The current economic environment is forcing companies watch every move in their cash flows and grab every little opportunity to either save money, increase cash flows or defer payments. This gives managers more powers when negotiating with their employees. Managers are often faced with questions like “should we lay off employees or stop payments during this economic downturn? In the essay will highlight how performance management, team membership, adequate training, decision making, time tested proposal and pluralism can help managers and employees get through the current economic crisis.

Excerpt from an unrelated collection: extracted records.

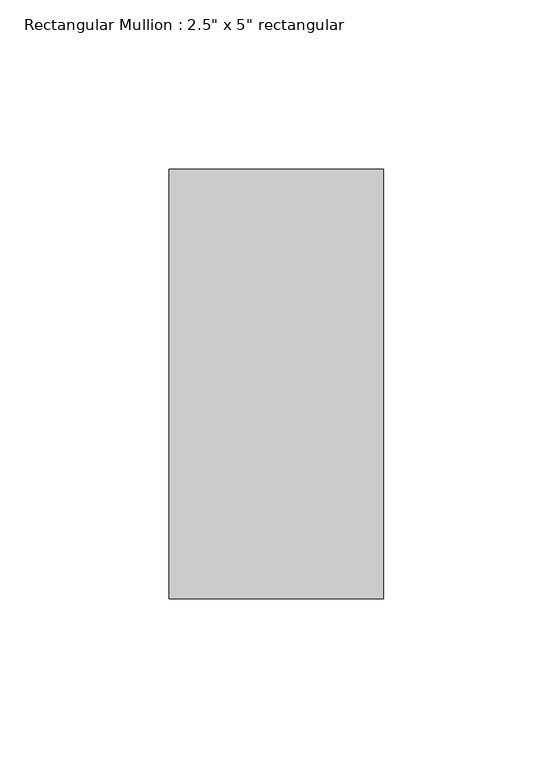
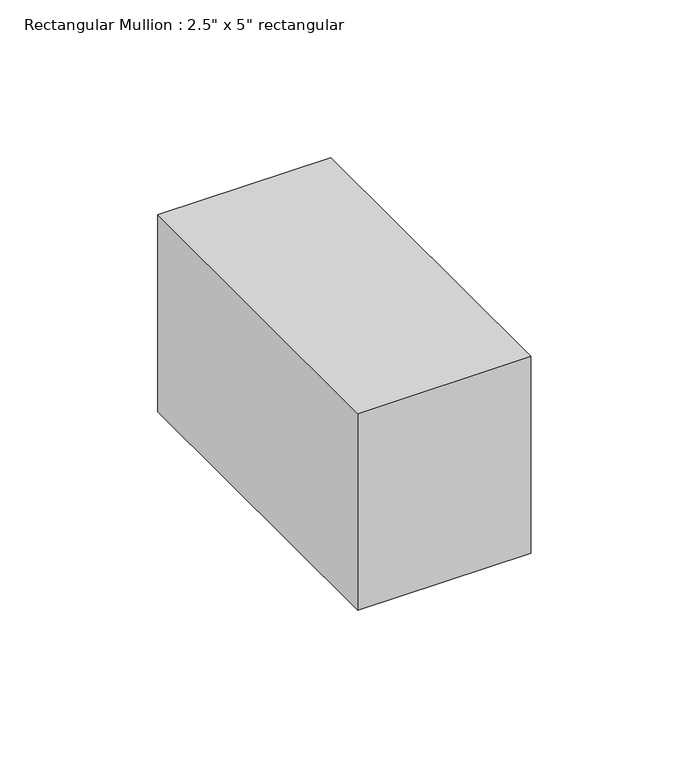
"""IFC4 building model written with IfcOpenShell, lengths in millimetres: member geometry."""

from ifc_helpers import new_model, si_unit, frame, origin, place, context, project, spatial, polyline, outline, extrude, source, transform, mapped, element, save


def member_3d7cb871(model_context):
    return source(origin(), model_context, "Body", "SweptSolid", [
        extrude(outline(polyline([(0.0, 63.5), (0.0, -63.5), (-63.5, -63.5), (-63.5, 63.5), (0.0, 63.5)])), frame((0.0, 0.0, -76.2), z_axis=(0.0, 0.0, 1.0), x_axis=(1.0, 0.0, 0.0)), (0.0, 0.0, 1.0), 76.2),
    ])


if __name__ == "__main__":
    model = new_model("IFC4")
    model_context = context("Model", 3, world=origin())
    ifc_project = project(units=[si_unit("LENGTHUNIT", "METRE", prefix="MILLI")], contexts=[model_context])
    site = spatial("IfcSite", under=ifc_project)
    building = spatial("IfcBuilding", under=site)
    placement = place(None, origin())
    member_shape = member_3d7cb871(model_context)
    element("IfcMember", 1, ObjectType="Rectangular Mullion : 2.5\" x 5\" rectangular", at=placement, inside=building, context=model_context, shape_type="MappedRepresentation", body=[
        mapped(member_shape, transform((0.0, 0.0, 0.0), x_axis=(1.0, 0.0, 0.0), y_axis=(0.0, 1.0, 0.0), z_axis=(0.0, 0.0, 1.0))),
    ])
    save(model, "model.ifc")

# Revit data of these elements
# Type "Rectangular Mullion : 2.5\" x 5\" rectangular"
#   built-in parameter 1007304 = 0.416667 (stored number, unit not read)
#   built-in parameter 1007301 = 0.104167 (stored number, unit not read)
#   built-in parameter 1007300 = 0.104167 (stored number, unit not read)
# Element 1 (IfcMember, "Rectangular Mullion : 2.5\" x 5\" rectangular")
#   Materials on its faces: "Aluminum"
# Materials
#   "Aluminum": class "Metal", colour RGB 247 247 247, transparency 0, Description = "Aluminum 6061", Cost = 0

How employees manage labour during economic downturn
There many opinions proposed to managers across the nation on how to raise revenues during this period of economic downturn so as to retain their employees. If the proposed suggestions are not implemented and if the economy doesn’t pick up soon, it will be necessary to reduce staff in order to retain cash flows and revenues. Economic downturns have increased unemployment rates and diminished the urgency of global war for talents as managers are undertaking mass layoffs to be able to survive in the unstable economy. The available long term structural factors driving human capital are still unable to suppress the recession. Companies that have opted for short term remedies will be poorly equipped to deal with structural changes in global labour markets while managers who have strengthened human resources capabilities during economic recession will be able to gain momentum when the economy resumes (Flath, 2008, p.1).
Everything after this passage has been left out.